Феня налила из ковша воды в глиняный умывальник, который висел на верёвочке над лоханью, и учтиво пригласила Мила Милыча вымыть руки. Он послушно встал и подошёл к умывальнику. Елена Григорьевна не сводила с него глаз и вся светилась от волнения, словно увидела в нём что‑то новое, поразительное, о чём и не догадывалась. Необычна была и его словоохотливость. Феня стояла с холщовым полотенцем в руке и молчала, прикрывая ресницами глаза. Костя слушал внимательно и вдумчиво, как будто проверял каждое слово Мила Милыча.
— На Волге это случилось, под Вольском…
И он коротко, просто и буднично рассказал, как он целое лето работал в артели бурлаков: не скидая лямки с плеч, тянул барки от Астрахани до Нижнего.
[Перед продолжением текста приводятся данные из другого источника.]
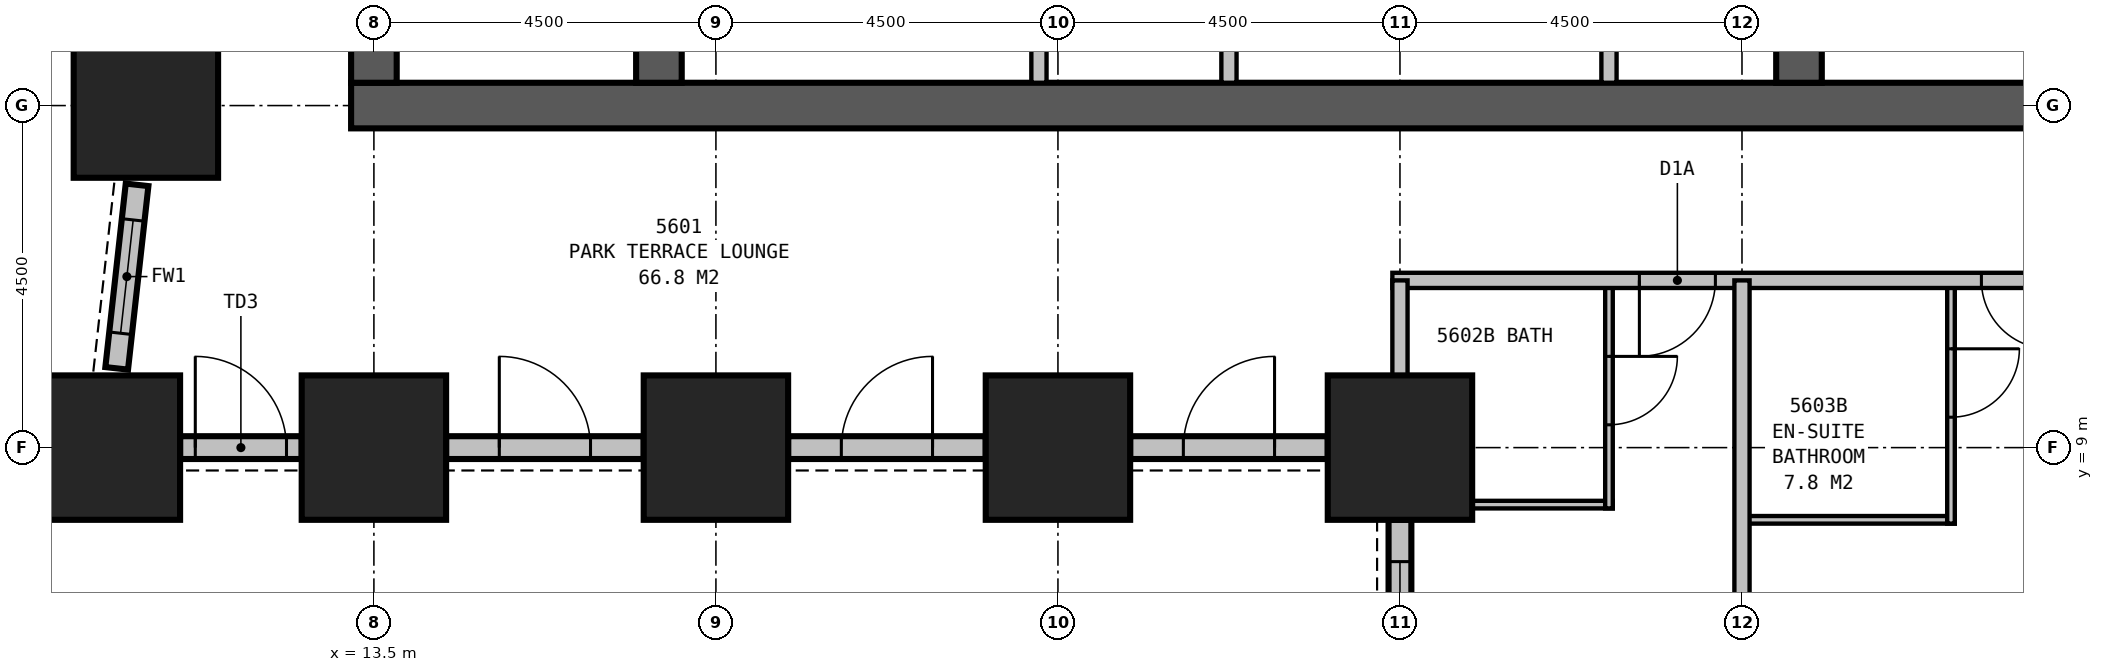
"""IFC4 building model, lengths in metres.
Left out: names, types, materials, properties, quantities, classifications, styles, units other than length and angle.
Written with IfcOpenShell. Run it as: python <this file> out.ifc"""

import sys

from ifc_helpers import new_model, si_unit, direction, frame, frame_2d, origin, origin_2d, place, context, subcontext, project, spatial, rectangle, extrude, element, fill, save


model = new_model("IFC4")
c1 = context("Model", 3, precision=1e-05, world=origin(), true_north=direction((0.0, 1.0)))
c2 = subcontext(c1, "Body", "Model", "MODEL_VIEW")
j1 = project(units=[si_unit("LENGTHUNIT", "METRE"), si_unit("PLANEANGLEUNIT", "RADIAN")], contexts=[c1])
p1 = place(None, origin())
s1 = spatial("IfcSite", under=j1, at=p1, CompositionType="ELEMENT")
p2 = place(p1, origin())
s2 = spatial("IfcBuilding", under=s1, at=p2, CompositionType="ELEMENT")
p3 = place(p2, frame((0.0, 0.0, 217.4)))
s3 = spatial("IfcBuildingStorey", under=s2, at=p3, CompositionType="ELEMENT", Elevation=217.4)
for number, where, z_axis, x_axis in (
    (1, (10.0, 9.0, 0.0), (0.0, 0.0, 1.0), (1.0, 0.0, 0.0)),
    (2, (13.5, 9.0, 0.0), (0.0, 0.0, 1.0), (1.0, 0.0, 0.0)),
    (3, (18.0, 9.0, 0.0), (0.0, 0.0, 1.0), (1.0, 0.0, 0.0)),
    (4, (22.5, 9.0, 0.0), (0.0, 0.0, 1.0), (1.0, 0.0, 0.0)),
    (5, (27.0, 9.0, 0.0), (0.0, 0.0, 1.0), (1.0, 0.0, 0.0)),
    (6, (10.5, 13.5, 0.0), (0.0, 0.0, 1.0), (1.0, 0.0, 0.0)),
):
    element("IfcColumn", number, at=place(p3, frame(where, z_axis=z_axis, x_axis=x_axis)), inside=s3, PredefinedType="COLUMN", context=c2, shape_type="SweptSolid", body=[
        extrude(rectangle(XDim=1.9, YDim=1.9, at=origin_2d()), origin(), (0.0, 0.0, 1.0), 3.9),
    ])
p4 = place(p3, frame((13.2, 13.5, 0.0), z_axis=(0.0, 0.0, 1.0), x_axis=(1.0, 0.0, 0.0)))
e7 = element("IfcWall", 7, at=p4, inside=s3, PredefinedType="SHEAR", context=c2, shape_type="SweptSolid", body=[
    extrude(rectangle(XDim=23.1, YDim=0.6, at=frame_2d((11.55, 0.0))), origin(), (0.0, 0.0, 1.0), 3.9),
])
p5 = place(p3, frame((17.25, 13.8, 0.0), z_axis=(0.0, 0.0, 1.0), x_axis=(0.0, 1.0, 0.0)))
e8 = element("IfcWall", 8, at=p5, inside=s3, PredefinedType="SHEAR", context=c2, shape_type="SweptSolid", body=[
    extrude(rectangle(XDim=12.9, YDim=0.6, at=frame_2d((6.45, 0.0))), origin(), (0.0, 0.0, 1.0), 3.9),
])
p6 = place(p5, frame((3.85, 0.0, 0.0)))
e9 = element("IfcOpeningElement", 9, at=p6, cuts=e8, PredefinedType="OPENING", context=c2, shape_type="SweptSolid", body=[
    extrude(rectangle(XDim=1.2, YDim=2.1, at=frame_2d((0.6, 1.05))), frame((0.0, 0.31, 0.0), z_axis=(0.0, -1.0, 0.0), x_axis=(1.0, 0.0, 0.0)), (0.0, 0.0, 1.0), 0.62),
])
p7 = place(p3, frame((32.25, 13.8, 0.0), z_axis=(0.0, 0.0, 1.0), x_axis=(0.0, 1.0, 0.0)))
e10 = element("IfcWall", 10, at=p7, inside=s3, PredefinedType="SHEAR", context=c2, shape_type="SweptSolid", body=[
    extrude(rectangle(XDim=12.9, YDim=0.6, at=frame_2d((6.45, 0.0))), origin(), (0.0, 0.0, 1.0), 3.9),
])
p8 = place(p7, frame((5.05, 0.0, 0.0), z_axis=(0.0, 0.0, 1.0), x_axis=(-1.0, 0.0, 0.0)))
e11 = element("IfcOpeningElement", 11, at=p8, cuts=e10, PredefinedType="OPENING", context=c2, shape_type="SweptSolid", body=[
    extrude(rectangle(XDim=1.2, YDim=2.1, at=frame_2d((0.6, 1.05))), frame((0.0, 0.31, 0.0), z_axis=(0.0, -1.0, 0.0), x_axis=(1.0, 0.0, 0.0)), (0.0, 0.0, 1.0), 0.62),
])
p9 = place(p3, frame((13.5, 16.5, 0.0), z_axis=(0.0, 0.0, 1.0), x_axis=(0.0, -1.0, 0.0)))
e12 = element("IfcWall", 12, at=p9, inside=s3, PredefinedType="SHEAR", context=c2, shape_type="SweptSolid", body=[
    extrude(rectangle(XDim=2.7, YDim=0.6, at=frame_2d((1.35, 0.0))), origin(), (0.0, 0.0, 1.0), 3.9),
])
p10 = place(p3, frame((10.95, 9.0, 0.0), z_axis=(0.0, 0.0, 1.0), x_axis=(1.0, 0.0, 0.0)))
e13 = element("IfcWall", 13, at=p10, inside=s3, PredefinedType="STANDARD", context=c2, shape_type="SweptSolid", body=[
    extrude(rectangle(XDim=1.6, YDim=0.3, at=frame_2d((0.8, 0.0))), origin(), (0.0, 0.0, 1.0), 2.15),
])
p11 = place(p10, frame((0.2, 0.0, 0.0)))
e14 = element("IfcOpeningElement", 14, at=p11, cuts=e13, PredefinedType="OPENING", context=c2, shape_type="SweptSolid", body=[
    extrude(rectangle(XDim=1.2, YDim=2.0, at=frame_2d((0.6, 1.0))), frame((0.0, 0.16, 0.0), z_axis=(0.0, -1.0, 0.0), x_axis=(1.0, 0.0, 0.0)), (0.0, 0.0, 1.0), 0.32),
])
p12 = place(p3, frame((14.45, 9.0, 0.0), z_axis=(0.0, 0.0, 1.0), x_axis=(1.0, 0.0, 0.0)))
e15 = element("IfcWall", 15, at=p12, inside=s3, PredefinedType="STANDARD", context=c2, shape_type="SweptSolid", body=[
    extrude(rectangle(XDim=2.6, YDim=0.3, at=frame_2d((1.3, 0.0))), origin(), (0.0, 0.0, 1.0), 2.15),
])
p13 = place(p12, frame((0.7, 0.0, 0.0)))
e16 = element("IfcOpeningElement", 16, at=p13, cuts=e15, PredefinedType="OPENING", context=c2, shape_type="SweptSolid", body=[
    extrude(rectangle(XDim=1.2, YDim=2.0, at=frame_2d((0.6, 1.0))), frame((0.0, 0.16, 0.0), z_axis=(0.0, -1.0, 0.0), x_axis=(1.0, 0.0, 0.0)), (0.0, 0.0, 1.0), 0.32),
])
p14 = place(p3, frame((18.95, 9.0, 0.0), z_axis=(0.0, 0.0, 1.0), x_axis=(1.0, 0.0, 0.0)))
e17 = element("IfcWall", 17, at=p14, inside=s3, PredefinedType="STANDARD", context=c2, shape_type="SweptSolid", body=[
    extrude(rectangle(XDim=2.6, YDim=0.3, at=frame_2d((1.3, 0.0))), origin(), (0.0, 0.0, 1.0), 2.15),
])
p15 = place(p14, frame((0.7, 0.0, 0.0)))
e18 = element("IfcOpeningElement", 18, at=p15, cuts=e17, PredefinedType="OPENING", context=c2, shape_type="SweptSolid", body=[
    extrude(rectangle(XDim=1.2, YDim=2.0, at=frame_2d((0.6, 1.0))), frame((0.0, 0.16, 0.0), z_axis=(0.0, -1.0, 0.0), x_axis=(1.0, 0.0, 0.0)), (0.0, 0.0, 1.0), 0.32),
])
p16 = place(p3, frame((23.45, 9.0, 0.0), z_axis=(0.0, 0.0, 1.0), x_axis=(1.0, 0.0, 0.0)))
e19 = element("IfcWall", 19, at=p16, inside=s3, PredefinedType="STANDARD", context=c2, shape_type="SweptSolid", body=[
    extrude(rectangle(XDim=2.6, YDim=0.3, at=frame_2d((1.3, 0.0))), origin(), (0.0, 0.0, 1.0), 2.15),
])
p17 = place(p16, frame((0.7, 0.0, 0.0)))
e20 = element("IfcOpeningElement", 20, at=p17, cuts=e19, PredefinedType="OPENING", context=c2, shape_type="SweptSolid", body=[
    extrude(rectangle(XDim=1.2, YDim=2.0, at=frame_2d((0.6, 1.0))), frame((0.0, 0.16, 0.0), z_axis=(0.0, -1.0, 0.0), x_axis=(1.0, 0.0, 0.0)), (0.0, 0.0, 1.0), 0.32),
])
p18 = place(p3, frame((27.0, 8.05, 0.0), z_axis=(0.0, 0.0, 1.0), x_axis=(0.0, -1.0, 0.0)))
e21 = element("IfcWall", 21, at=p18, inside=s3, PredefinedType="STANDARD", context=c2, shape_type="SweptSolid", body=[
    extrude(rectangle(XDim=2.6, YDim=0.3, at=frame_2d((1.3, 0.0))), origin(), (0.0, 0.0, 1.0), 2.15),
])
p19 = place(p18, frame((0.55, 0.0, 0.5)))
e22 = element("IfcOpeningElement", 22, at=p19, cuts=e21, PredefinedType="OPENING", context=c2, shape_type="SweptSolid", body=[
    extrude(rectangle(XDim=1.5, YDim=1.5, at=frame_2d((0.75, 0.75))), frame((0.0, 0.16, 0.0), z_axis=(0.0, -1.0, 0.0), x_axis=(1.0, 0.0, 0.0)), (0.0, 0.0, 1.0), 0.32),
])
p20 = place(p3, frame((10.384, 12.457, 0.0), z_axis=(0.0, 0.0, 1.0), x_axis=(-0.110343286306, -0.993893535127, 0.0)))
e23 = element("IfcWall", 23, at=p20, inside=s3, PredefinedType="STANDARD", context=c2, shape_type="SweptSolid", body=[
    extrude(rectangle(XDim=2.429, YDim=0.3, at=frame_2d((1.215, 0.0))), origin(), (0.0, 0.0, 1.0), 2.15),
])
p21 = place(p20, frame((0.465, 0.0, 0.5)))
e24 = element("IfcOpeningElement", 24, at=p21, cuts=e23, PredefinedType="OPENING", context=c2, shape_type="SweptSolid", body=[
    extrude(rectangle(XDim=1.5, YDim=1.5, at=frame_2d((0.75, 0.75))), frame((0.0, 0.16, 0.0), z_axis=(0.0, -1.0, 0.0), x_axis=(1.0, 0.0, 0.0)), (0.0, 0.0, 1.0), 0.32),
])
p22 = place(p3, frame((26.9, 11.2, 0.0), z_axis=(0.0, 0.0, 1.0), x_axis=(1.0, 0.0, 0.0)))
e25 = element("IfcWall", 25, at=p22, inside=s3, PredefinedType="PARTITIONING", context=c2, shape_type="SweptSolid", body=[
    extrude(rectangle(XDim=11.4, YDim=0.2, at=frame_2d((5.7, 0.0))), origin(), (0.0, 0.0, 1.0), 3.65),
])
p23 = place(p22, frame((4.25, 0.0, 0.0), z_axis=(0.0, 0.0, 1.0), x_axis=(-1.0, 0.0, 0.0)))
e26 = element("IfcOpeningElement", 26, at=p23, cuts=e25, PredefinedType="OPENING", context=c2, shape_type="SweptSolid", body=[
    extrude(rectangle(XDim=1.0, YDim=2.1, at=frame_2d((0.5, 1.05))), frame((0.0, 0.11, 0.0), z_axis=(0.0, -1.0, 0.0), x_axis=(1.0, 0.0, 0.0)), (0.0, 0.0, 1.0), 0.22),
])
p24 = place(p22, frame((8.65, 0.0, 0.0), z_axis=(0.0, 0.0, 1.0), x_axis=(-1.0, 0.0, 0.0)))
e27 = element("IfcOpeningElement", 27, at=p24, cuts=e25, PredefinedType="OPENING", context=c2, shape_type="SweptSolid", body=[
    extrude(rectangle(XDim=0.9, YDim=2.1, at=frame_2d((0.45, 1.05))), frame((0.0, 0.11, 0.0), z_axis=(0.0, -1.0, 0.0), x_axis=(1.0, 0.0, 0.0)), (0.0, 0.0, 1.0), 0.22),
])
p25 = place(p22, frame((10.7, 0.0, 0.0), z_axis=(0.0, 0.0, 1.0), x_axis=(-1.0, 0.0, 0.0)))
e28 = element("IfcOpeningElement", 28, at=p25, cuts=e25, PredefinedType="OPENING", context=c2, shape_type="SweptSolid", body=[
    extrude(rectangle(XDim=0.9, YDim=2.1, at=frame_2d((0.45, 1.05))), frame((0.0, 0.11, 0.0), z_axis=(0.0, -1.0, 0.0), x_axis=(1.0, 0.0, 0.0)), (0.0, 0.0, 1.0), 0.22),
])
p26 = place(p3, frame((27.0, 11.2, 0.0), z_axis=(0.0, 0.0, 1.0), x_axis=(0.0, -1.0, 0.0)))
e29 = element("IfcWall", 29, at=p26, inside=s3, PredefinedType="PARTITIONING", context=c2, shape_type="SweptSolid", body=[
    extrude(rectangle(XDim=2.2, YDim=0.2, at=frame_2d((1.1, 0.0))), origin(), (0.0, 0.0, 1.0), 2.65),
])
p27 = place(p3, frame((31.5, 11.2, 0.0), z_axis=(0.0, 0.0, 1.0), x_axis=(0.0, -1.0, 0.0)))
e30 = element("IfcWall", 30, at=p27, inside=s3, PredefinedType="PARTITIONING", context=c2, shape_type="SweptSolid", body=[
    extrude(rectangle(XDim=11.2, YDim=0.2, at=frame_2d((5.6, 0.0))), origin(), (0.0, 0.0, 1.0), 2.65),
])
p28 = place(p3, frame((27.0, 8.25, 0.0), z_axis=(0.0, 0.0, 1.0), x_axis=(1.0, 0.0, 0.0)))
e31 = element("IfcWall", 31, at=p28, inside=s3, PredefinedType="PLUMBINGWALL", context=c2, shape_type="SweptSolid", body=[
    extrude(rectangle(XDim=2.8, YDim=0.1, at=frame_2d((1.4, 0.0))), origin(), (0.0, 0.0, 1.0), 3.65),
])
p29 = place(p3, frame((29.75, 11.2, 0.0), z_axis=(0.0, 0.0, 1.0), x_axis=(0.0, -1.0, 0.0)))
e32 = element("IfcWall", 32, at=p29, inside=s3, PredefinedType="PLUMBINGWALL", context=c2, shape_type="SweptSolid", body=[
    extrude(rectangle(XDim=3.0, YDim=0.1, at=frame_2d((1.5, 0.0))), origin(), (0.0, 0.0, 1.0), 3.65),
])
p30 = place(p29, frame((1.0, 0.0, 0.0)))
e33 = element("IfcOpeningElement", 33, at=p30, cuts=e32, PredefinedType="OPENING", context=c2, shape_type="SweptSolid", body=[
    extrude(rectangle(XDim=0.9, YDim=2.1, at=frame_2d((0.45, 1.05))), frame((0.0, 0.06, 0.0), z_axis=(0.0, -1.0, 0.0), x_axis=(1.0, 0.0, 0.0)), (0.0, 0.0, 1.0), 0.12),
])
p31 = place(p3, frame((31.5, 8.05, 0.0), z_axis=(0.0, 0.0, 1.0), x_axis=(1.0, 0.0, 0.0)))
e34 = element("IfcWall", 34, at=p31, inside=s3, PredefinedType="PLUMBINGWALL", context=c2, shape_type="SweptSolid", body=[
    extrude(rectangle(XDim=2.8, YDim=0.1, at=frame_2d((1.4, 0.0))), origin(), (0.0, 0.0, 1.0), 3.65),
])
p32 = place(p3, frame((34.25, 11.2, 0.0), z_axis=(0.0, 0.0, 1.0), x_axis=(0.0, -1.0, 0.0)))
e35 = element("IfcWall", 35, at=p32, inside=s3, PredefinedType="PLUMBINGWALL", context=c2, shape_type="SweptSolid", body=[
    extrude(rectangle(XDim=3.2, YDim=0.1, at=frame_2d((1.6, 0.0))), origin(), (0.0, 0.0, 1.0), 3.65),
])
p33 = place(p32, frame((0.9, 0.0, 0.0)))
e36 = element("IfcOpeningElement", 36, at=p33, cuts=e35, PredefinedType="OPENING", context=c2, shape_type="SweptSolid", body=[
    extrude(rectangle(XDim=0.9, YDim=2.1, at=frame_2d((0.45, 1.05))), frame((0.0, 0.06, 0.0), z_axis=(0.0, -1.0, 0.0), x_axis=(1.0, 0.0, 0.0)), (0.0, 0.0, 1.0), 0.12),
])
for number, where, z_axis, x_axis in (
    (37, (22.25, 13.8, 0.0), (0.0, 0.0, 1.0), (0.0, 1.0, 0.0)),
    (38, (24.75, 13.8, 0.0), (0.0, 0.0, 1.0), (0.0, 1.0, 0.0)),
    (39, (29.75, 13.8, 0.0), (0.0, 0.0, 1.0), (0.0, 1.0, 0.0)),
):
    element("IfcWall", number, at=place(p3, frame(where, z_axis=z_axis, x_axis=x_axis)), inside=s3, PredefinedType="PARTITIONING", context=c2, shape_type="SweptSolid", body=[
        extrude(rectangle(XDim=2.4, YDim=0.2, at=frame_2d((1.2, 0.0))), origin(), (0.0, 0.0, 1.0), 3.65),
    ])
p34 = place(p11, origin())
e40 = element("IfcDoor", 40, at=p34, inside=s3, OperationType="SINGLE_SWING_LEFT", PredefinedType="DOOR", context=c2, shape_type="SweptSolid", body=[
    extrude(rectangle(XDim=1.2, YDim=2.0, at=frame_2d((0.6, 1.0))), frame((0.0, 0.025, 0.0), z_axis=(0.0, -1.0, 0.0), x_axis=(1.0, 0.0, 0.0)), (0.0, 0.0, 1.0), 0.05),
])
fill(e14, e40)
p35 = place(p13, origin())
e41 = element("IfcDoor", 41, at=p35, inside=s3, OperationType="SINGLE_SWING_LEFT", PredefinedType="DOOR", context=c2, shape_type="SweptSolid", body=[
    extrude(rectangle(XDim=1.2, YDim=2.0, at=frame_2d((0.6, 1.0))), frame((0.0, 0.025, 0.0), z_axis=(0.0, -1.0, 0.0), x_axis=(1.0, 0.0, 0.0)), (0.0, 0.0, 1.0), 0.05),
])
fill(e16, e41)
p36 = place(p15, origin())
e42 = element("IfcDoor", 42, at=p36, inside=s3, OperationType="SINGLE_SWING_RIGHT", PredefinedType="DOOR", context=c2, shape_type="SweptSolid", body=[
    extrude(rectangle(XDim=1.2, YDim=2.0, at=frame_2d((0.6, 1.0))), frame((0.0, 0.025, 0.0), z_axis=(0.0, -1.0, 0.0), x_axis=(1.0, 0.0, 0.0)), (0.0, 0.0, 1.0), 0.05),
])
fill(e18, e42)
p37 = place(p17, origin())
e43 = element("IfcDoor", 43, at=p37, inside=s3, OperationType="SINGLE_SWING_RIGHT", PredefinedType="DOOR", context=c2, shape_type="SweptSolid", body=[
    extrude(rectangle(XDim=1.2, YDim=2.0, at=frame_2d((0.6, 1.0))), frame((0.0, 0.025, 0.0), z_axis=(0.0, -1.0, 0.0), x_axis=(1.0, 0.0, 0.0)), (0.0, 0.0, 1.0), 0.05),
])
fill(e20, e43)
p38 = place(p19, origin())
e44 = element("IfcWindow", 44, at=p38, inside=s3, PartitioningType="SINGLE_PANEL", PredefinedType="WINDOW", context=c2, shape_type="SweptSolid", body=[
    extrude(rectangle(XDim=1.5, YDim=1.5, at=frame_2d((0.75, 0.75))), frame((0.0, 0.03, 0.0), z_axis=(0.0, -1.0, 0.0), x_axis=(1.0, 0.0, 0.0)), (0.0, 0.0, 1.0), 0.06),
])
fill(e22, e44)
p39 = place(p21, origin())
e45 = element("IfcWindow", 45, at=p39, inside=s3, PartitioningType="SINGLE_PANEL", PredefinedType="WINDOW", context=c2, shape_type="SweptSolid", body=[
    extrude(rectangle(XDim=1.5, YDim=1.5, at=frame_2d((0.75, 0.75))), frame((0.0, 0.03, 0.0), z_axis=(0.0, -1.0, 0.0), x_axis=(1.0, 0.0, 0.0)), (0.0, 0.0, 1.0), 0.06),
])
fill(e24, e45)
p40 = place(p23, origin())
e46 = element("IfcDoor", 46, at=p40, inside=s3, OperationType="SINGLE_SWING_RIGHT", PredefinedType="DOOR", context=c2, shape_type="SweptSolid", body=[
    extrude(rectangle(XDim=1.0, YDim=2.1, at=frame_2d((0.5, 1.05))), frame((0.0, 0.025, 0.0), z_axis=(0.0, -1.0, 0.0), x_axis=(1.0, 0.0, 0.0)), (0.0, 0.0, 1.0), 0.05),
])
fill(e26, e46)
p41 = place(p24, origin())
e47 = element("IfcDoor", 47, at=p41, inside=s3, OperationType="SINGLE_SWING_LEFT", PredefinedType="DOOR", context=c2, shape_type="SweptSolid", body=[
    extrude(rectangle(XDim=0.9, YDim=2.1, at=frame_2d((0.45, 1.05))), frame((0.0, 0.025, 0.0), z_axis=(0.0, -1.0, 0.0), x_axis=(1.0, 0.0, 0.0)), (0.0, 0.0, 1.0), 0.05),
])
fill(e27, e47)
p42 = place(p30, origin())
e48 = element("IfcDoor", 48, at=p42, inside=s3, OperationType="SINGLE_SWING_LEFT", PredefinedType="DOOR", context=c2, shape_type="SweptSolid", body=[
    extrude(rectangle(XDim=0.9, YDim=2.1, at=frame_2d((0.45, 1.05))), frame((0.0, 0.025, 0.0), z_axis=(0.0, -1.0, 0.0), x_axis=(1.0, 0.0, 0.0)), (0.0, 0.0, 1.0), 0.05),
])
fill(e33, e48)
p43 = place(p33, origin())
e49 = element("IfcDoor", 49, at=p43, inside=s3, OperationType="SINGLE_SWING_LEFT", PredefinedType="DOOR", context=c2, shape_type="SweptSolid", body=[
    extrude(rectangle(XDim=0.9, YDim=2.1, at=frame_2d((0.45, 1.05))), frame((0.0, 0.025, 0.0), z_axis=(0.0, -1.0, 0.0), x_axis=(1.0, 0.0, 0.0)), (0.0, 0.0, 1.0), 0.05),
])
fill(e36, e49)
save(model, sys.argv[1])

— Лето тогда жаркое было, суховейное, словно и само небо горело. Из‑за степей Заволжья мутью летела знойная пыль. Кожа трескалась, слезились глаза. А мы, артелью человек в двадцать пять, — и молодые и пожилые, — в хомутах, привязаны были к длиннейшему канату постромками и тянули гружёную баржу вверх по Волге, тянули неделями, месяцами, с раннего утра до полуночи. Шли босиком по прибрежным камням, по топям, по зыбучим пескам. Ноги у всех покрывались ранами, разъедались водой и грязью, а плечи и грудь растирались до мяса. Кровью плакали люди. На этом страшном пути одни убегали, другие отставали от надрыва, а на их место пригоняли новых. Харчи были плохие и скудные, а заправилы на барже пьянствовали и бесчинствовали с приблудными бабами. В один из таких адовых дней, перед Вольском, бурлаки выбились из сил. Лица на них не было — все, как безумные, на арканах метались. Кто‑то заплакал навзрыд, кто‑то выл и задыхался от невыразимой ругани и проклятий. Рядом со мной — а мы впереди шли — тянул свою лямку молодой парень, смирный такой, старательный. Мечтал всё, что рассчитается в Самаре, воротится домой с деньжонками и женится. Вдруг, этак в полдень, когда, казалось, и дышать было нечем, а солнце жгло, как огонь, упал он под лямкой, как подкошенный. Люди переполошились, обомлели и совсем пали духом. На барже — тоже переполох, только пьяный. И тут меня словно осенило: ежели я слуга народа и долг мой — нести его бремя и быть впереди, надо отвратить их от ужаса, иначе мертвец убьёт их… Подхватил я тело парня, вскинул на плечо и крикнул всей грудью: «Братцы! Друзья! Вперёд! Ведь мы же русские люди, а русский народ никогда не падал духом. Не бросим товарища, а с честью донесём его до могилы…» И пошел с лямкой и мертвым телом, а за мной все пошли, со стонами, с надрывом пошли, словно это я потянул всех за собой своей лямкой. А может быть, приковал их к себе труп товарища на моем плече…
Он замолчал, улыбаясь сам себе, но лицо его помолодело, засветилось, и он стал лёгкий, весёлый, с задором в глазах.
— Это я так вспомнил, к случаю… Всякие бывают у людей неожиданности…
Феня всё время глядела на него и улыбалась. Потом потушила улыбку, опустила ресницы и ушла в чулан. А Костя с удивлённой улыбкой спросил:
— И что это за нелёгкая погнала вас в бурлаки‑то? Образованный человек — и в бурлаки… Не лезет мне это в понятие…
Мил Милыч глухо и уныло ответил:
— Совесть и долг, Константин. Мы — не герои, а слуги народа, и постоянный наш долг — идти туда, где трудно дышится, где горе слышится, — быть первым там. Потому мы и жертвовать собой должны ради народа.